Le collaborateur dispose d’un droit à la déconnexion. La hiérarchie s’assurera par son exemplarité au respect de cette mesure. En cas de circonstances particulières, nées de l’urgence et de l’importance des sujets traités, des exceptions à ce principe seront évidemment mises en œuvre. Collaborateurs au forfait jours Les collaborateurs au forfait jours respectent les temps de repos quotidiens et hebdomadaires énoncés dans le présent accord. Le droit à la déconnexion tient d’une coresponsabilité entre le collaborateur et l’entreprise. Le collaborateur, l'effectivité du respect par le collaborateur des durées minimales de repos implique pour ce dernier une obligation de déconnexion des outils de communication à distance.

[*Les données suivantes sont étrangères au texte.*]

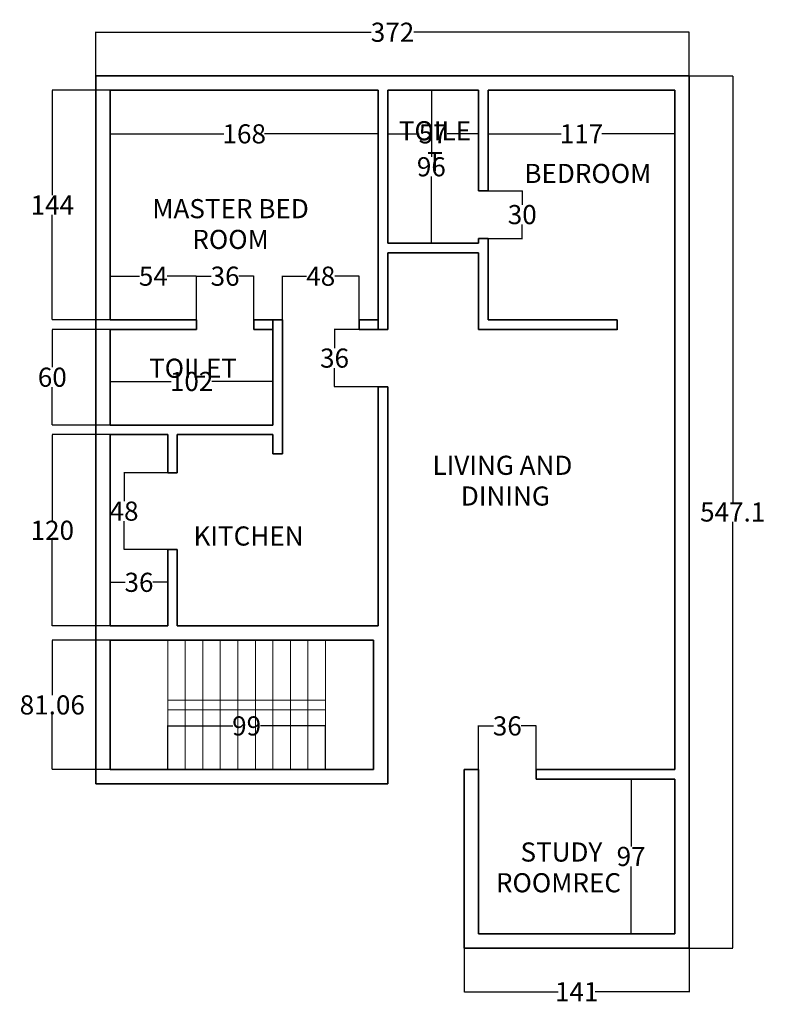
# Model space of a CAD drawing. Units: inches. Extents: x -24 to 1692, y -109 to 592.
# Tile 2 of 4: x 431 to 898, y -109 to 509. Entities that reach past the tile are written whole.
import ezdxf
from ezdxf.enums import TextEntityAlignment as Align

# ---------------------------------------------------------------- set-up
doc = ezdxf.new("R2010")
doc.units = ezdxf.units.IN
doc.header["$MEASUREMENT"] = 0
for name, color, linetype, lineweight in [('A-ANNO-DIMS', 2, 'Continuous', 18), ('A-AREA-IDEN', 7, 'Continuous', 18), ('A-FLOR-STRS', 2, 'Continuous', 18), ('A-WALL', 7, 'Continuous', 35)]:
    doc.layers.add(name, color=color, linetype=linetype, lineweight=lineweight)
doc.styles.get("Standard").update_dxf_attribs({"font": 'arial.ttf'})
doc.dimstyles.get("Standard").update_dxf_attribs({"dimtxt": 12, "dimasz": 0.18, "dimexe": 0.18, "dimexo": 0.0625, "dimgap": 0.09, "dimtad": 0, "dimtih": 1, "dimtoh": 1, "dimdec": 0, "dimzin": 0, "dimdsep": 46, "dimlunit": 4, "dimtxsty": 'Standard', "dimcen": 0.09, "dimadec": 0, "dimazin": 0, "dimtfac": 1, "dimtdec": 0, "dimtofl": 0, "dimtmove": 0, "dimatfit": 3, "dimfxl": 1, "dimtolj": 1, "dimtzin": 0, "dimarcsym": 0})

# ---------------------------------------------------------------- blocks, each defined once
blk = doc.blocks.new('*D33')
at = {"layer": 'A-ANNO-DIMS', "color": 0, "lineweight": -2, "transparency": 16777216}
for p, q in [((478.61, 473.42), (478.61, 500.91)), ((478.79, 500.73), (651.32, 500.73)), ((850.43, 500.73), (677.89, 500.73)), ((850.61, 473.42), (850.61, 500.91))]:
    blk.add_line(p, q, dxfattribs=at)
at = {"layer": 'A-ANNO-DIMS', "color": 0, "transparency": 16777216}
for points in [[(478.79, 500.76), (478.79, 500.7), (478.61, 500.73)], [(850.43, 500.76), (850.43, 500.7), (850.61, 500.73)]]:
    blk.add_solid(points, dxfattribs=at)
at = {"layer": 'Defpoints', "color": 0, "transparency": 16777216}
for p in [(850.61, 500.73), (478.61, 473.36), (850.61, 473.36)]:
    blk.add_point(p, dxfattribs=at)
at = {"layer": 'A-ANNO-DIMS', "color": 0, "transparency": 16777216, "insert": (664.61, 500.73), "char_height": 12, "attachment_point": 5}
blk.add_mtext('\\A1;372', dxfattribs=at)
blk = doc.blocks.new('*D34')
at = {"layer": 'A-ANNO-DIMS', "color": 0, "lineweight": -2, "transparency": 16777216}
for p, q in [((850.67, 473.36), (878.15, 473.36)), ((877.97, 473.18), (877.97, 206.05)), ((877.97, -73.52), (877.97, 193.61)), ((850.67, -73.7), (878.15, -73.7))]:
    blk.add_line(p, q, dxfattribs=at)
at = {"layer": 'A-ANNO-DIMS', "color": 0, "transparency": 16777216}
for points in [[(877.94, 473.18), (878, 473.18), (877.97, 473.36)], [(877.94, -73.52), (878, -73.52), (877.97, -73.7)]]:
    blk.add_solid(points, dxfattribs=at)
at = {"layer": 'Defpoints', "color": 0, "transparency": 16777216}
for p in [(850.61, 473.36), (877.97, 473.36), (850.61, -73.7)]:
    blk.add_point(p, dxfattribs=at)
at = {"layer": 'A-ANNO-DIMS', "color": 0, "transparency": 16777216, "insert": (877.97, 199.83), "char_height": 12, "attachment_point": 5}
blk.add_mtext('\\A1;547.1', dxfattribs=at)
blk = doc.blocks.new('*D35')
at = {"layer": 'A-ANNO-DIMS', "color": 0, "lineweight": -2, "transparency": 16777216}
for p, q in [((487.61, 464.3), (487.61, 436.82)), ((655.61, 464.3), (655.61, 436.82)), ((487.79, 437), (558.81, 437)), ((655.43, 437), (584.4, 437))]:
    blk.add_line(p, q, dxfattribs=at)
at = {"layer": 'A-ANNO-DIMS', "color": 0, "transparency": 16777216}
for points in [[(487.79, 437.03), (487.79, 436.97), (487.61, 437)], [(655.43, 437.03), (655.43, 436.97), (655.61, 437)]]:
    blk.add_solid(points, dxfattribs=at)
at = {"layer": 'Defpoints', "color": 0, "transparency": 16777216}
for p in [(487.61, 464.36), (655.61, 464.36), (487.61, 437)]:
    blk.add_point(p, dxfattribs=at)
at = {"layer": 'A-ANNO-DIMS', "color": 0, "transparency": 16777216, "insert": (571.61, 437), "char_height": 12, "attachment_point": 5}
blk.add_mtext('\\A1;168', dxfattribs=at)
blk = doc.blocks.new('*D36')
at = {"layer": 'A-ANNO-DIMS', "color": 0, "lineweight": -2, "transparency": 16777216}
for p, q in [((661.61, 464.3), (661.61, 436.82)), ((718.61, 464.3), (718.61, 436.82)), ((661.79, 437), (681.42, 437)), ((718.43, 437), (698.79, 437))]:
    blk.add_line(p, q, dxfattribs=at)
at = {"layer": 'A-ANNO-DIMS', "color": 0, "transparency": 16777216}
for points in [[(661.79, 437.03), (661.79, 436.97), (661.61, 437)], [(718.43, 437.03), (718.43, 436.97), (718.61, 437)]]:
    blk.add_solid(points, dxfattribs=at)
at = {"layer": 'Defpoints', "color": 0, "transparency": 16777216}
for p in [(661.61, 464.36), (718.61, 464.36), (661.61, 437)]:
    blk.add_point(p, dxfattribs=at)
at = {"layer": 'A-ANNO-DIMS', "color": 0, "transparency": 16777216, "insert": (690.11, 437), "char_height": 12, "attachment_point": 5}
blk.add_mtext('\\A1;57', dxfattribs=at)
blk = doc.blocks.new('*D37')
at = {"layer": 'A-ANNO-DIMS', "color": 0, "lineweight": -2, "transparency": 16777216}
for p, q in [((724.61, 464.3), (724.61, 436.82)), ((841.61, 464.3), (841.61, 436.82)), ((724.79, 437), (770.32, 437)), ((841.43, 437), (795.89, 437))]:
    blk.add_line(p, q, dxfattribs=at)
at = {"layer": 'A-ANNO-DIMS', "color": 0, "transparency": 16777216}
for points in [[(724.79, 437.03), (724.79, 436.97), (724.61, 437)], [(841.43, 437.03), (841.43, 436.97), (841.61, 437)]]:
    blk.add_solid(points, dxfattribs=at)
at = {"layer": 'Defpoints', "color": 0, "transparency": 16777216}
for p in [(724.61, 464.36), (841.61, 464.36), (724.61, 437)]:
    blk.add_point(p, dxfattribs=at)
at = {"layer": 'A-ANNO-DIMS', "color": 0, "transparency": 16777216, "insert": (783.11, 437), "char_height": 12, "attachment_point": 5}
blk.add_mtext('\\A1;117', dxfattribs=at)
blk = doc.blocks.new('*D38')
at = {"layer": 'A-ANNO-DIMS', "color": 0, "lineweight": -2, "transparency": 16777216}
for p, q in [((487.54, 464.36), (451.06, 464.36)), ((451.24, 464.18), (451.24, 398.48)), ((451.24, 320.54), (451.24, 386.25)), ((487.54, 320.36), (451.06, 320.36))]:
    blk.add_line(p, q, dxfattribs=at)
at = {"layer": 'A-ANNO-DIMS', "color": 0, "transparency": 16777216}
for points in [[(451.21, 464.18), (451.27, 464.18), (451.24, 464.36)], [(451.21, 320.54), (451.27, 320.54), (451.24, 320.36)]]:
    blk.add_solid(points, dxfattribs=at)
at = {"layer": 'Defpoints', "color": 0, "transparency": 16777216}
for p in [(451.24, 464.36), (487.61, 464.36), (487.61, 320.36)]:
    blk.add_point(p, dxfattribs=at)
at = {"layer": 'A-ANNO-DIMS', "color": 0, "transparency": 16777216, "insert": (451.24, 392.36), "char_height": 12, "attachment_point": 5}
blk.add_mtext('\\A1;144', dxfattribs=at)
blk = doc.blocks.new('*D39')
at = {"layer": 'A-ANNO-DIMS', "color": 0, "lineweight": -2, "transparency": 16777216}
for p, q in [((487.54, 314.36), (451.06, 314.36)), ((451.24, 314.18), (451.24, 290.58)), ((451.24, 254.54), (451.24, 278.15)), ((487.54, 254.36), (451.06, 254.36))]:
    blk.add_line(p, q, dxfattribs=at)
at = {"layer": 'A-ANNO-DIMS', "color": 0, "transparency": 16777216}
for points in [[(451.21, 314.18), (451.27, 314.18), (451.24, 314.36)], [(451.21, 254.54), (451.27, 254.54), (451.24, 254.36)]]:
    blk.add_solid(points, dxfattribs=at)
at = {"layer": 'Defpoints', "color": 0, "transparency": 16777216}
for p in [(451.24, 314.36), (487.61, 314.36), (487.61, 254.36)]:
    blk.add_point(p, dxfattribs=at)
at = {"layer": 'A-ANNO-DIMS', "color": 0, "transparency": 16777216, "insert": (451.24, 284.36), "char_height": 12, "attachment_point": 5}
blk.add_mtext('\\A1;60', dxfattribs=at)
blk = doc.blocks.new('*D40')
at = {"layer": 'A-ANNO-DIMS', "color": 0, "lineweight": -2, "transparency": 16777216}
for p, q in [((487.54, 248.36), (451.06, 248.36)), ((451.24, 248.18), (451.24, 194.58)), ((451.24, 128.54), (451.24, 182.15)), ((487.54, 128.36), (451.06, 128.36))]:
    blk.add_line(p, q, dxfattribs=at)
at = {"layer": 'A-ANNO-DIMS', "color": 0, "transparency": 16777216}
for points in [[(451.21, 248.18), (451.27, 248.18), (451.24, 248.36)], [(451.21, 128.54), (451.27, 128.54), (451.24, 128.36)]]:
    blk.add_solid(points, dxfattribs=at)
at = {"layer": 'Defpoints', "color": 0, "transparency": 16777216}
for p in [(451.24, 248.36), (487.61, 248.36), (487.61, 128.36)]:
    blk.add_point(p, dxfattribs=at)
at = {"layer": 'A-ANNO-DIMS', "color": 0, "transparency": 16777216, "insert": (451.24, 188.36), "char_height": 12, "attachment_point": 5}
blk.add_mtext('\\A1;120', dxfattribs=at)
blk = doc.blocks.new('*D41')
at = {"layer": 'A-ANNO-DIMS', "color": 0, "lineweight": -2, "transparency": 16777216}
for p, q in [((487.54, 119.36), (451.06, 119.36)), ((451.24, 119.18), (451.24, 85.05)), ((451.24, 38.48), (451.24, 72.61)), ((487.54, 38.3), (451.06, 38.3))]:
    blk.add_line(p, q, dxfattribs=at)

Afin de garantir son droit à la déconnexion, il est rappelé que l’utilisation du téléphone portable et/ou de l’ordinateur professionnel est limitée aux heures de travail et que le collaborateur n’est pas tenu de se connecter à son adresse e-mail professionnelle en dehors des heures de travail, le week-end, les jours fériés, pendant les congés payés, les arrêts maladie, les congés maternité, etc. ; Il appartient au collaborateur de se conformer à cette obligation : - Soit en laissant le matériel (ordinateur portable, téléphone portable, smartphone...) mis à disposition par l'entreprise pour l'exercice de son activité professionnelle dans les locaux de celle-ci s'il en a la possibilité ; - Soit en s'obligeant à ne pas consulter les outils mis à sa disposition en dehors des heures habituelles de travail. L’entreprise ne pourra pas sanctionner le collaborateur pour avoir déconnecté les outils de communication. L’entreprise demande à chacun d’utiliser les moyens de communication dans le respect de la vie personnelle de ses collègues. Ainsi, de façon à limiter l’usage de la messagerie professionnelle et du téléphone le soir et le week-end, sauf cas exceptionnels :
Il est demandé à l’ensemble des collaborateurs de limiter l’envoi de mails ou d’appels téléphoniques dans cette période ;
Il est rappelé que les collaborateurs n’ont pas l’obligation de répondre pendant cette période aux mails qui leur sont adressés ;
Il est préconisé d’utiliser les fonctions d’envoi différé des mails les soirs ou les weekends.
Collaborateurs à l’horaire Les collaborateurs respectent les temps de travail et de repos indiqué sur les plannings et/ou énoncés par leur responsable dans le respect de l’accord d’entreprise. Le fait de n’avoir pu être joint en dehors de ses horaires de travail sur son téléphone portable personnel ne peut pas être sanctionné. Article 34 - Télétravail Ce droit fait l’objet d’une Charte particulière qui peut être consultée auprès du service des Ressources Humaines, du manager et /ou via les supports de communication habituels. Il est tout de même indiqué que sous réserve que le poste remplisse les critères d’éligibilité pour le télétravail, les collaborateurs devront indiquer dans l’outil les jours en télétravail dans le respect de la Charte Télétravail. Le collaborateur en télétravail gère l’organisation de son temps de travail dans le respect des temps de travail effectif de son cycle habituel, notamment le respect du temps de travail du cycle, des durées maximales de travail et des durées minimales de repos quotidiens (11h) et de repos hebdomadaires de 24 heures soit 35 heures consécutives. De ce fait, la journée de télétravail sera indiquée dans l’outil de gestion. Durant le télétravail, aucune heure supplémentaire ne sera réalisée sauf besoin spécifique avec accord préalable du responsable hiérarchique. Article 35 - Déplacements professionnels & voyages d’affaires Principes Le temps de déplacement professionnel dépassant la durée normale de trajet entre le domicile du collaborateur et le lieu habituel de travail ne constitue pas du temps de travail effectif mais ouvre droit à une contrepartie en repos fixée ci-après. Sont exclus de ce principe les déplacements liées aux astreintes, traitées dans le cadre d’un accord distinct. Contrepartie en repos pour les collaborateurs dont la durée du travail est décomptée en heures Les temps de travail habituels permettant la continuité d’activité sont la référence pour définir une journée de travail d’un collaborateur dont le temps de travail est décompté en heure (8h30-17h30). Le principe est :
Le temps de déplacement effectué pendant les jours d’activité et durant cet horaire est considéré comme du temps de travail effectif et ne donnera donc pas lieu à une contrepartie.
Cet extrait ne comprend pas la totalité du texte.